Ne commet pas d'abus le fabricant qui rompt, dans le cadre de la restructuration de son réseau et avec un préavis de six mois, un contrat de distribution à durée indéterminée.

Un fabricant avait confié, pour trois ans, à un distributeur établi en Guadeloupe la distribution exclusive de ses produits sur les Antilles et la Guyane françaises. A son terme, le contrat avait été tacitement reconduit. Le fabricant l'avait rompu trois ans plus tard en invoquant une restructuration de son réseau de distribution.
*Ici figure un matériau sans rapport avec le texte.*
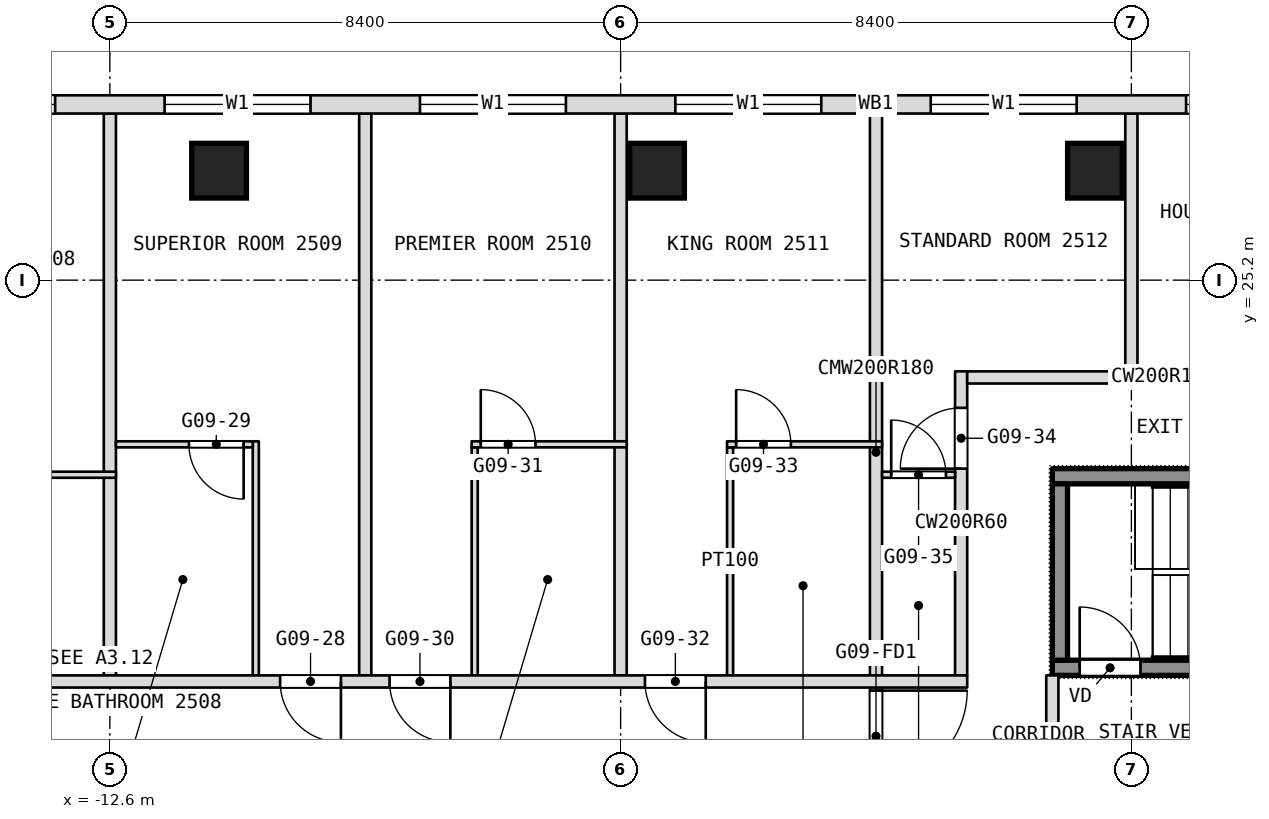
"""IFC4 building model, lengths in metres.
Left out: names, types, materials, properties, quantities, classifications, styles, units other than length and angle.
Written with IfcOpenShell. Run it as: python <this file> out.ifc"""

import sys

from ifc_helpers import new_model, si_unit, direction, frame, frame_2d, origin, origin_2d, place, context, subcontext, project, spatial, rectangle, extrude, element, fill, save


model = new_model("IFC4")
c1 = context("Model", 3, precision=1e-05, world=origin(), true_north=direction((0.0, 1.0)))
c2 = subcontext(c1, "Body", "Model", "MODEL_VIEW")
j1 = project(units=[si_unit("LENGTHUNIT", "METRE"), si_unit("PLANEANGLEUNIT", "RADIAN")], contexts=[c1])
p1 = place(None, origin())
s1 = spatial("IfcSite", under=j1, at=p1, CompositionType="ELEMENT")
p2 = place(p1, origin())
s2 = spatial("IfcBuilding", under=s1, at=p2, CompositionType="ELEMENT")
p3 = place(p2, frame((0.0, 0.0, 115.7)))
s3 = spatial("IfcBuildingStorey", under=s2, at=p3, CompositionType="ELEMENT", Elevation=115.7)
for number, where, z_axis, x_axis in (
    (1, (-10.804, 27.0, 0.0), (0.0, 0.0, 1.0), (1.0, 0.0, 0.0)),
    (2, (-3.601, 27.0, 0.0), (0.0, 0.0, 1.0), (1.0, 0.0, 0.0)),
    (3, (3.601, 27.0, 0.0), (0.0, 0.0, 1.0), (1.0, 0.0, 0.0)),
):
    element("IfcColumn", number, at=place(p3, frame(where, z_axis=z_axis, x_axis=x_axis)), inside=s3, PredefinedType="COLUMN", context=c2, shape_type="SweptSolid", body=[
        extrude(rectangle(XDim=0.9, YDim=0.9, at=origin_2d()), origin(), (0.0, 0.0, 1.0), 3.6),
    ])
p4 = place(p3, frame((4.2, 23.7, 0.0), z_axis=(0.0, 0.0, 1.0), x_axis=(0.0, 1.0, 0.0)))
e4 = element("IfcWall", 4, at=p4, inside=s3, PredefinedType="PARTITIONING", context=c2, shape_type="SweptSolid", body=[
    extrude(rectangle(XDim=4.24, YDim=0.2, at=frame_2d((2.12, 0.0))), origin(), (0.0, 0.0, 1.0), 3.34),
])
p5 = place(p3, frame((2.9, 16.9, 0.0), z_axis=(0.0, 0.0, 1.0), x_axis=(0.0, 1.0, 0.0)))
e5 = element("IfcWall", 5, at=p5, inside=s3, PredefinedType="PARTITIONING", context=c2, shape_type="SweptSolid", body=[
    extrude(rectangle(XDim=1.8, YDim=0.2, at=frame_2d((0.9, 0.0))), origin(), (0.0, 0.0, 1.0), 3.34),
])
p6 = place(p3, frame((1.4, 18.7, 0.0), z_axis=(0.0, 0.0, 1.0), x_axis=(0.0, 1.0, 0.0)))
e6 = element("IfcWall", 6, at=p6, inside=s3, PredefinedType="PARTITIONING", context=c2, shape_type="SweptSolid", body=[
    extrude(rectangle(XDim=5.0, YDim=0.2, at=frame_2d((2.5, 0.0))), origin(), (0.0, 0.0, 1.0), 3.34),
])
p7 = place(p6, frame((3.4, 0.0, 0.0)))
e7 = element("IfcOpeningElement", 7, at=p7, cuts=e6, PredefinedType="OPENING", context=c2, shape_type="SweptSolid", body=[
    extrude(rectangle(XDim=1.0, YDim=2.1, at=frame_2d((0.5, 1.05))), frame((0.0, 0.1, 0.0), z_axis=(0.0, -1.0, 0.0), x_axis=(1.0, 0.0, 0.0)), (0.0, 0.0, 1.0), 0.2),
])
p8 = place(p3, frame((0.0, 16.8, 0.0), z_axis=(0.0, 0.0, 1.0), x_axis=(0.0, 1.0, 0.0)))
e8 = element("IfcWall", 8, at=p8, inside=s3, PredefinedType="PARTITIONING", context=c2, shape_type="SweptSolid", body=[
    extrude(rectangle(XDim=11.14, YDim=0.2, at=frame_2d((5.57, 0.0))), origin(), (0.0, 0.0, 1.0), 3.34),
])
p9 = place(p8, frame((0.15, 0.0, 0.0)))
e9 = element("IfcOpeningElement", 9, at=p9, cuts=e8, PredefinedType="OPENING", context=c2, shape_type="SweptSolid", body=[
    extrude(rectangle(XDim=1.5, YDim=2.1, at=frame_2d((0.75, 1.05))), frame((0.0, 0.1, 0.0), z_axis=(0.0, -1.0, 0.0), x_axis=(1.0, 0.0, 0.0)), (0.0, 0.0, 1.0), 0.2),
])
p10 = place(p3, frame((-2.4, 18.7, 0.0), z_axis=(0.0, 0.0, 1.0), x_axis=(0.0, 1.0, 0.0)))
e10 = element("IfcWall", 10, at=p10, inside=s3, PredefinedType="PARTITIONING", context=c2, shape_type="SweptSolid", body=[
    extrude(rectangle(XDim=3.75, YDim=0.1, at=frame_2d((1.875, 0.0))), origin(), (0.0, 0.0, 1.0), 3.34),
])
p11 = place(p3, frame((-4.2, 18.7, 0.0), z_axis=(0.0, 0.0, 1.0), x_axis=(0.0, 1.0, 0.0)))
e11 = element("IfcWall", 11, at=p11, inside=s3, PredefinedType="PARTITIONING", context=c2, shape_type="SweptSolid", body=[
    extrude(rectangle(XDim=9.24, YDim=0.2, at=frame_2d((4.62, 0.0))), origin(), (0.0, 0.0, 1.0), 3.34),
])
p12 = place(p3, frame((-6.6, 18.7, 0.0), z_axis=(0.0, 0.0, 1.0), x_axis=(0.0, 1.0, 0.0)))
e12 = element("IfcWall", 12, at=p12, inside=s3, PredefinedType="PARTITIONING", context=c2, shape_type="SweptSolid", body=[
    extrude(rectangle(XDim=3.75, YDim=0.1, at=frame_2d((1.875, 0.0))), origin(), (0.0, 0.0, 1.0), 3.34),
])
p13 = place(p3, frame((-8.4, 18.7, 0.0), z_axis=(0.0, 0.0, 1.0), x_axis=(0.0, 1.0, 0.0)))
e13 = element("IfcWall", 13, at=p13, inside=s3, PredefinedType="PARTITIONING", context=c2, shape_type="SweptSolid", body=[
    extrude(rectangle(XDim=9.24, YDim=0.2, at=frame_2d((4.62, 0.0))), origin(), (0.0, 0.0, 1.0), 3.34),
])
p14 = place(p3, frame((-10.2, 18.7, 0.0), z_axis=(0.0, 0.0, 1.0), x_axis=(0.0, 1.0, 0.0)))
e14 = element("IfcWall", 14, at=p14, inside=s3, PredefinedType="PARTITIONING", context=c2, shape_type="SweptSolid", body=[
    extrude(rectangle(XDim=3.85, YDim=0.1, at=frame_2d((1.925, 0.0))), origin(), (0.0, 0.0, 1.0), 3.34),
])
p15 = place(p3, frame((-12.6, 18.7, 0.0), z_axis=(0.0, 0.0, 1.0), x_axis=(0.0, 1.0, 0.0)))
e15 = element("IfcWall", 15, at=p15, inside=s3, PredefinedType="PARTITIONING", context=c2, shape_type="SweptSolid", body=[
    extrude(rectangle(XDim=9.24, YDim=0.2, at=frame_2d((4.62, 0.0))), origin(), (0.0, 0.0, 1.0), 3.34),
])
p16 = place(p3, frame((-16.9, 18.6, 0.0), z_axis=(0.0, 0.0, 1.0), x_axis=(1.0, 0.0, 0.0)))
e16 = element("IfcWall", 16, at=p16, inside=s3, PredefinedType="PARTITIONING", context=c2, shape_type="SweptSolid", body=[
    extrude(rectangle(XDim=18.4, YDim=0.2, at=frame_2d((9.2, 0.0))), origin(), (0.0, 0.0, 1.0), 3.34),
])
p17 = place(p16, frame((0.5, 0.0, 0.0)))
e17 = element("IfcOpeningElement", 17, at=p17, cuts=e16, PredefinedType="OPENING", context=c2, shape_type="SweptSolid", body=[
    extrude(rectangle(XDim=1.0, YDim=2.1, at=frame_2d((0.5, 1.05))), frame((0.0, 0.1, 0.0), z_axis=(0.0, -1.0, 0.0), x_axis=(1.0, 0.0, 0.0)), (0.0, 0.0, 1.0), 0.2),
])
p18 = place(p16, frame((7.1, 0.0, 0.0)))
e18 = element("IfcOpeningElement", 18, at=p18, cuts=e16, PredefinedType="OPENING", context=c2, shape_type="SweptSolid", body=[
    extrude(rectangle(XDim=1.0, YDim=2.1, at=frame_2d((0.5, 1.05))), frame((0.0, 0.1, 0.0), z_axis=(0.0, -1.0, 0.0), x_axis=(1.0, 0.0, 0.0)), (0.0, 0.0, 1.0), 0.2),
])
p19 = place(p16, frame((8.9, 0.0, 0.0)))
e19 = element("IfcOpeningElement", 19, at=p19, cuts=e16, PredefinedType="OPENING", context=c2, shape_type="SweptSolid", body=[
    extrude(rectangle(XDim=1.0, YDim=2.1, at=frame_2d((0.5, 1.05))), frame((0.0, 0.1, 0.0), z_axis=(0.0, -1.0, 0.0), x_axis=(1.0, 0.0, 0.0)), (0.0, 0.0, 1.0), 0.2),
])
p20 = place(p16, frame((13.1, 0.0, 0.0)))
e20 = element("IfcOpeningElement", 20, at=p20, cuts=e16, PredefinedType="OPENING", context=c2, shape_type="SweptSolid", body=[
    extrude(rectangle(XDim=1.0, YDim=2.1, at=frame_2d((0.5, 1.05))), frame((0.0, 0.1, 0.0), z_axis=(0.0, -1.0, 0.0), x_axis=(1.0, 0.0, 0.0)), (0.0, 0.0, 1.0), 0.2),
])
p21 = place(p3, frame((-15.05, 22.0, 0.0), z_axis=(0.0, 0.0, 1.0), x_axis=(1.0, 0.0, 0.0)))
e21 = element("IfcWall", 21, at=p21, inside=s3, PredefinedType="PARTITIONING", context=c2, shape_type="SweptSolid", body=[
    extrude(rectangle(XDim=2.55, YDim=0.1, at=frame_2d((1.275, 0.0))), origin(), (0.0, 0.0, 1.0), 3.34),
])
p22 = place(p21, frame((0.15, 0.0, 0.0)))
e22 = element("IfcOpeningElement", 22, at=p22, cuts=e21, PredefinedType="OPENING", context=c2, shape_type="SweptSolid", body=[
    extrude(rectangle(XDim=0.9, YDim=2.1, at=frame_2d((0.45, 1.05))), frame((0.0, 0.05, 0.0), z_axis=(0.0, -1.0, 0.0), x_axis=(1.0, 0.0, 0.0)), (0.0, 0.0, 1.0), 0.1),
])
p23 = place(p3, frame((0.1, 22.0, 0.0), z_axis=(0.0, 0.0, 1.0), x_axis=(1.0, 0.0, 0.0)))
e23 = element("IfcWall", 23, at=p23, inside=s3, PredefinedType="PARTITIONING", context=c2, shape_type="SweptSolid", body=[
    extrude(rectangle(XDim=1.2, YDim=0.1, at=frame_2d((0.6, 0.0))), origin(), (0.0, 0.0, 1.0), 3.34),
])
p24 = place(p23, frame((0.15, 0.0, 0.0)))
e24 = element("IfcOpeningElement", 24, at=p24, cuts=e23, PredefinedType="OPENING", context=c2, shape_type="SweptSolid", body=[
    extrude(rectangle(XDim=0.9, YDim=2.1, at=frame_2d((0.45, 1.05))), frame((0.0, 0.05, 0.0), z_axis=(0.0, -1.0, 0.0), x_axis=(1.0, 0.0, 0.0)), (0.0, 0.0, 1.0), 0.1),
])
p25 = place(p3, frame((-12.5, 22.5, 0.0), z_axis=(0.0, 0.0, 1.0), x_axis=(1.0, 0.0, 0.0)))
e25 = element("IfcWall", 25, at=p25, inside=s3, PredefinedType="PARTITIONING", context=c2, shape_type="SweptSolid", body=[
    extrude(rectangle(XDim=2.25, YDim=0.1, at=frame_2d((1.125, 0.0))), origin(), (0.0, 0.0, 1.0), 3.34),
])
p26 = place(p25, frame((1.2, 0.0, 0.0)))
e26 = element("IfcOpeningElement", 26, at=p26, cuts=e25, PredefinedType="OPENING", context=c2, shape_type="SweptSolid", body=[
    extrude(rectangle(XDim=0.9, YDim=2.1, at=frame_2d((0.45, 1.05))), frame((0.0, 0.05, 0.0), z_axis=(0.0, -1.0, 0.0), x_axis=(1.0, 0.0, 0.0)), (0.0, 0.0, 1.0), 0.1),
])
p27 = place(p3, frame((-6.65, 22.5, 0.0), z_axis=(0.0, 0.0, 1.0), x_axis=(1.0, 0.0, 0.0)))
e27 = element("IfcWall", 27, at=p27, inside=s3, PredefinedType="PARTITIONING", context=c2, shape_type="SweptSolid", body=[
    extrude(rectangle(XDim=2.55, YDim=0.1, at=frame_2d((1.275, 0.0))), origin(), (0.0, 0.0, 1.0), 3.34),
])
p28 = place(p27, frame((0.15, 0.0, 0.0)))
e28 = element("IfcOpeningElement", 28, at=p28, cuts=e27, PredefinedType="OPENING", context=c2, shape_type="SweptSolid", body=[
    extrude(rectangle(XDim=0.9, YDim=2.1, at=frame_2d((0.45, 1.05))), frame((0.0, 0.05, 0.0), z_axis=(0.0, -1.0, 0.0), x_axis=(1.0, 0.0, 0.0)), (0.0, 0.0, 1.0), 0.1),
])
p29 = place(p3, frame((-2.45, 22.5, 0.0), z_axis=(0.0, 0.0, 1.0), x_axis=(1.0, 0.0, 0.0)))
e29 = element("IfcWall", 29, at=p29, inside=s3, PredefinedType="PARTITIONING", context=c2, shape_type="SweptSolid", body=[
    extrude(rectangle(XDim=2.55, YDim=0.1, at=frame_2d((1.275, 0.0))), origin(), (0.0, 0.0, 1.0), 3.34),
])
p30 = place(p29, frame((0.15, 0.0, 0.0)))
e30 = element("IfcOpeningElement", 30, at=p30, cuts=e29, PredefinedType="OPENING", context=c2, shape_type="SweptSolid", body=[
    extrude(rectangle(XDim=0.9, YDim=2.1, at=frame_2d((0.45, 1.05))), frame((0.0, 0.05, 0.0), z_axis=(0.0, -1.0, 0.0), x_axis=(1.0, 0.0, 0.0)), (0.0, 0.0, 1.0), 0.1),
])
p31 = place(p3, frame((1.5, 23.6, 0.0), z_axis=(0.0, 0.0, 1.0), x_axis=(1.0, 0.0, 0.0)))
e31 = element("IfcWall", 31, at=p31, inside=s3, PredefinedType="PARTITIONING", context=c2, shape_type="SweptSolid", body=[
    extrude(rectangle(XDim=9.2, YDim=0.2, at=frame_2d((4.6, 0.0))), origin(), (0.0, 0.0, 1.0), 3.34),
])
p32 = place(p31, frame((4.3, 0.0, 0.0)))
e32 = element("IfcOpeningElement", 32, at=p32, cuts=e31, PredefinedType="OPENING", context=c2, shape_type="SweptSolid", body=[
    extrude(rectangle(XDim=1.0, YDim=2.1, at=frame_2d((0.5, 1.05))), frame((0.0, 0.1, 0.0), z_axis=(0.0, -1.0, 0.0), x_axis=(1.0, 0.0, 0.0)), (0.0, 0.0, 1.0), 0.2),
])
p33 = place(p3, frame((21.306, 28.09, 0.0), z_axis=(0.0, 0.0, 1.0), x_axis=(-1.0, 0.0, 0.0)))
e33 = element("IfcWall", 33, at=p33, inside=s3, PredefinedType="NOTDEFINED", context=c2, shape_type="SweptSolid", body=[
    extrude(rectangle(XDim=42.612, YDim=0.3, at=frame_2d((21.306, 0.0))), origin(), (0.0, 0.0, 1.0), 3.6),
])
p34 = place(p33, frame((5.406, 0.0, 0.9)))
e34 = element("IfcOpeningElement", 34, at=p34, cuts=e33, PredefinedType="OPENING", context=c2, shape_type="SweptSolid", body=[
    extrude(rectangle(XDim=2.4, YDim=2.1, at=frame_2d((1.2, 1.05))), frame((0.0, 0.15, 0.0), z_axis=(0.0, -1.0, 0.0), x_axis=(1.0, 0.0, 0.0)), (0.0, 0.0, 1.0), 0.3),
])
p35 = place(p33, frame((9.606, 0.0, 0.9)))
e35 = element("IfcOpeningElement", 35, at=p35, cuts=e33, PredefinedType="OPENING", context=c2, shape_type="SweptSolid", body=[
    extrude(rectangle(XDim=2.4, YDim=2.1, at=frame_2d((1.2, 1.05))), frame((0.0, 0.15, 0.0), z_axis=(0.0, -1.0, 0.0), x_axis=(1.0, 0.0, 0.0)), (0.0, 0.0, 1.0), 0.3),
])
p36 = place(p33, frame((13.806, 0.0, 0.9)))
e36 = element("IfcOpeningElement", 36, at=p36, cuts=e33, PredefinedType="OPENING", context=c2, shape_type="SweptSolid", body=[
    extrude(rectangle(XDim=2.4, YDim=2.1, at=frame_2d((1.2, 1.05))), frame((0.0, 0.15, 0.0), z_axis=(0.0, -1.0, 0.0), x_axis=(1.0, 0.0, 0.0)), (0.0, 0.0, 1.0), 0.3),
])
p37 = place(p33, frame((18.006, 0.0, 0.9)))
e37 = element("IfcOpeningElement", 37, at=p37, cuts=e33, PredefinedType="OPENING", context=c2, shape_type="SweptSolid", body=[
    extrude(rectangle(XDim=2.4, YDim=2.1, at=frame_2d((1.2, 1.05))), frame((0.0, 0.15, 0.0), z_axis=(0.0, -1.0, 0.0), x_axis=(1.0, 0.0, 0.0)), (0.0, 0.0, 1.0), 0.3),
])
p38 = place(p33, frame((22.206, 0.0, 0.9)))
e38 = element("IfcOpeningElement", 38, at=p38, cuts=e33, PredefinedType="OPENING", context=c2, shape_type="SweptSolid", body=[
    extrude(rectangle(XDim=2.4, YDim=2.1, at=frame_2d((1.2, 1.05))), frame((0.0, 0.15, 0.0), z_axis=(0.0, -1.0, 0.0), x_axis=(1.0, 0.0, 0.0)), (0.0, 0.0, 1.0), 0.3),
])
p39 = place(p33, frame((26.406, 0.0, 0.9)))
e39 = element("IfcOpeningElement", 39, at=p39, cuts=e33, PredefinedType="OPENING", context=c2, shape_type="SweptSolid", body=[
    extrude(rectangle(XDim=2.4, YDim=2.1, at=frame_2d((1.2, 1.05))), frame((0.0, 0.15, 0.0), z_axis=(0.0, -1.0, 0.0), x_axis=(1.0, 0.0, 0.0)), (0.0, 0.0, 1.0), 0.3),
])
p40 = place(p33, frame((30.606, 0.0, 0.9)))
e40 = element("IfcOpeningElement", 40, at=p40, cuts=e33, PredefinedType="OPENING", context=c2, shape_type="SweptSolid", body=[
    extrude(rectangle(XDim=2.4, YDim=2.1, at=frame_2d((1.2, 1.05))), frame((0.0, 0.15, 0.0), z_axis=(0.0, -1.0, 0.0), x_axis=(1.0, 0.0, 0.0)), (0.0, 0.0, 1.0), 0.3),
])
p41 = place(p33, frame((34.806, 0.0, 0.9)))
e41 = element("IfcOpeningElement", 41, at=p41, cuts=e33, PredefinedType="OPENING", context=c2, shape_type="SweptSolid", body=[
    extrude(rectangle(XDim=2.4, YDim=2.1, at=frame_2d((1.2, 1.05))), frame((0.0, 0.15, 0.0), z_axis=(0.0, -1.0, 0.0), x_axis=(1.0, 0.0, 0.0)), (0.0, 0.0, 1.0), 0.3),
])
p42 = place(p3, frame((2.9, 18.825, 0.1), z_axis=(0.0, 0.0, 1.0), x_axis=(1.0, 0.0, 0.0)))
e42 = element("IfcWall", 42, at=p42, inside=s3, PredefinedType="SHEAR", context=c2, shape_type="SweptSolid", body=[
    extrude(rectangle(XDim=6.2, YDim=0.25, at=frame_2d((3.1, 0.0))), origin(), (0.0, 0.0, 1.0), 3.6),
])
p43 = place(p42, frame((0.45, 0.0, 0.0)))
e43 = element("IfcOpeningElement", 43, at=p43, cuts=e42, PredefinedType="OPENING", context=c2, shape_type="SweptSolid", body=[
    extrude(rectangle(XDim=1.0, YDim=2.1, at=frame_2d((0.5, 1.05))), frame((0.0, 0.125, 0.0), z_axis=(0.0, -1.0, 0.0), x_axis=(1.0, 0.0, 0.0)), (0.0, 0.0, 1.0), 0.25),
])
p44 = place(p3, frame((2.9, 21.975, 0.1), z_axis=(0.0, 0.0, 1.0), x_axis=(1.0, 0.0, 0.0)))
e44 = element("IfcWall", 44, at=p44, inside=s3, PredefinedType="SHEAR", context=c2, shape_type="SweptSolid", body=[
    extrude(rectangle(XDim=6.2, YDim=0.25, at=frame_2d((3.1, 0.0))), origin(), (0.0, 0.0, 1.0), 3.6),
])
p45 = place(p3, frame((3.025, 18.95, 0.1), z_axis=(0.0, 0.0, 1.0), x_axis=(0.0, 1.0, 0.0)))
e45 = element("IfcWall", 45, at=p45, inside=s3, PredefinedType="SHEAR", context=c2, shape_type="SweptSolid", body=[
    extrude(rectangle(XDim=2.9, YDim=0.25, at=frame_2d((1.45, 0.0))), origin(), (0.0, 0.0, 1.0), 3.6),
])
p46 = place(p7, origin())
e46 = element("IfcDoor", 46, at=p46, inside=s3, OperationType="SINGLE_SWING_RIGHT", PredefinedType="DOOR", context=c2, shape_type="SweptSolid", body=[
    extrude(rectangle(XDim=1.0, YDim=2.1, at=frame_2d((0.5, 1.05))), frame((0.0, 0.025, 0.0), z_axis=(0.0, -1.0, 0.0), x_axis=(1.0, 0.0, 0.0)), (0.0, 0.0, 1.0), 0.05),
])
fill(e7, e46)
p47 = place(p18, origin())
e47 = element("IfcDoor", 47, at=p47, inside=s3, OperationType="SINGLE_SWING_LEFT", PredefinedType="DOOR", context=c2, shape_type="SweptSolid", body=[
    extrude(rectangle(XDim=1.0, YDim=2.1, at=frame_2d((0.5, 1.05))), frame((0.0, 0.025, 0.0), z_axis=(0.0, -1.0, 0.0), x_axis=(1.0, 0.0, 0.0)), (0.0, 0.0, 1.0), 0.05),
])
fill(e18, e47)
p48 = place(p19, origin())
e48 = element("IfcDoor", 48, at=p48, inside=s3, OperationType="SINGLE_SWING_LEFT", PredefinedType="DOOR", context=c2, shape_type="SweptSolid", body=[
    extrude(rectangle(XDim=1.0, YDim=2.1, at=frame_2d((0.5, 1.05))), frame((0.0, 0.025, 0.0), z_axis=(0.0, -1.0, 0.0), x_axis=(1.0, 0.0, 0.0)), (0.0, 0.0, 1.0), 0.05),
])
fill(e19, e48)
p49 = place(p20, origin())
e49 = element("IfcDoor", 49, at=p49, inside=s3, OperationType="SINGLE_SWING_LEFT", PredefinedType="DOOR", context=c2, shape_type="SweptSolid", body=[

Le distributeur avait alors réclamé des dommages-intérêts pour rupture abusive.

La cour d'appel de Versailles a rejeté cette demande pour les raisons suivantes :

  • nonobstant des tentatives de négociations, aucun nouveau contrat à durée déterminée n'avait été signé entre les parties et le contrat initial s'était poursuivi par tacite reconduction pour une durée indéterminée ; par ailleurs, même s'il avait contribué au développement de la clientèle du fabricant sur le marché antillais, ce contrat n'était pas un mandat d'intérêt commun car il précisait que « le distributeur achète et revend pour son compte et à ses risques et périls » ; en conséquence, le fabricant pouvait résilier à tout moment le contrat, sans justifier d'un motif, sous réserve de respecter un préavis écrit tenant compte de la durée de la relation commerciale et des usages du commerce ; le fabricant avait accordé un préavis de six mois à son cocontractant afin de lui permettre sa reconversion et celui-ci ne prétendait pas que ce délai n'était pas raisonnable ;
  • le distributeur ne pouvait pas utilement soutenir, pour caractériser la déloyauté du fabricant, que son représentant ne l'avait pas averti, lors de sa visite annuelle survenue quinze jours avant la notification de la résiliation du contrat, ni de celle-ci ni de la réorganisation du réseau ; en effet, la résiliation d'un contrat de concession n'est pas constitutive d'un abus lorsqu'elle s'inscrit dans le cadre d'une réorganisation du réseau du concédant ; il ne pouvait pas être reproché au fabricant, qui avait choisi de réduire le nombre de ses interlocuteurs, d'avoir retenu pour la zone des DOM un distributeur situé à la Réunion et non à la Guadeloupe ; cette restructuration étant réelle, elle ne constituait pas un prétexte fallacieux de résiliation du contrat ; le fabricant n'avait aucune obligation d'annoncer sa volonté de résilier le contrat avant les six mois de préavis ; si une décision de restructuration est réfléchie au sein du groupe, les distributeurs ne sont pas nécessairement associés à ces réflexions ;
  • le distributeur ne pouvait pas non plus prétendre être dans une situation de dépendance économique vis-à-vis du fabricant dès lors qu'il n'était tenu à aucune exclusivité à l'égard de celui-ci et qu'il disposait de fournisseurs concurrents ; il ne démontrait pas que le fabricant lui avait demandé des investissements particuliers ; il avait bénéficié d'un délai de six mois, dont il ne critiquait pas la durée, pour se réorganiser ; enfin, le fabricant avait organisé une réunion avec lui pour discuter des modalités de la fin de leurs relations commerciales et lui avait proposé, nonobstant une clause contraire du contrat, de lui racheter ses stocks et de l'indemniser pour ses éventuels investissements, proposition à laquelle le distributeur n'avait pas donné suite.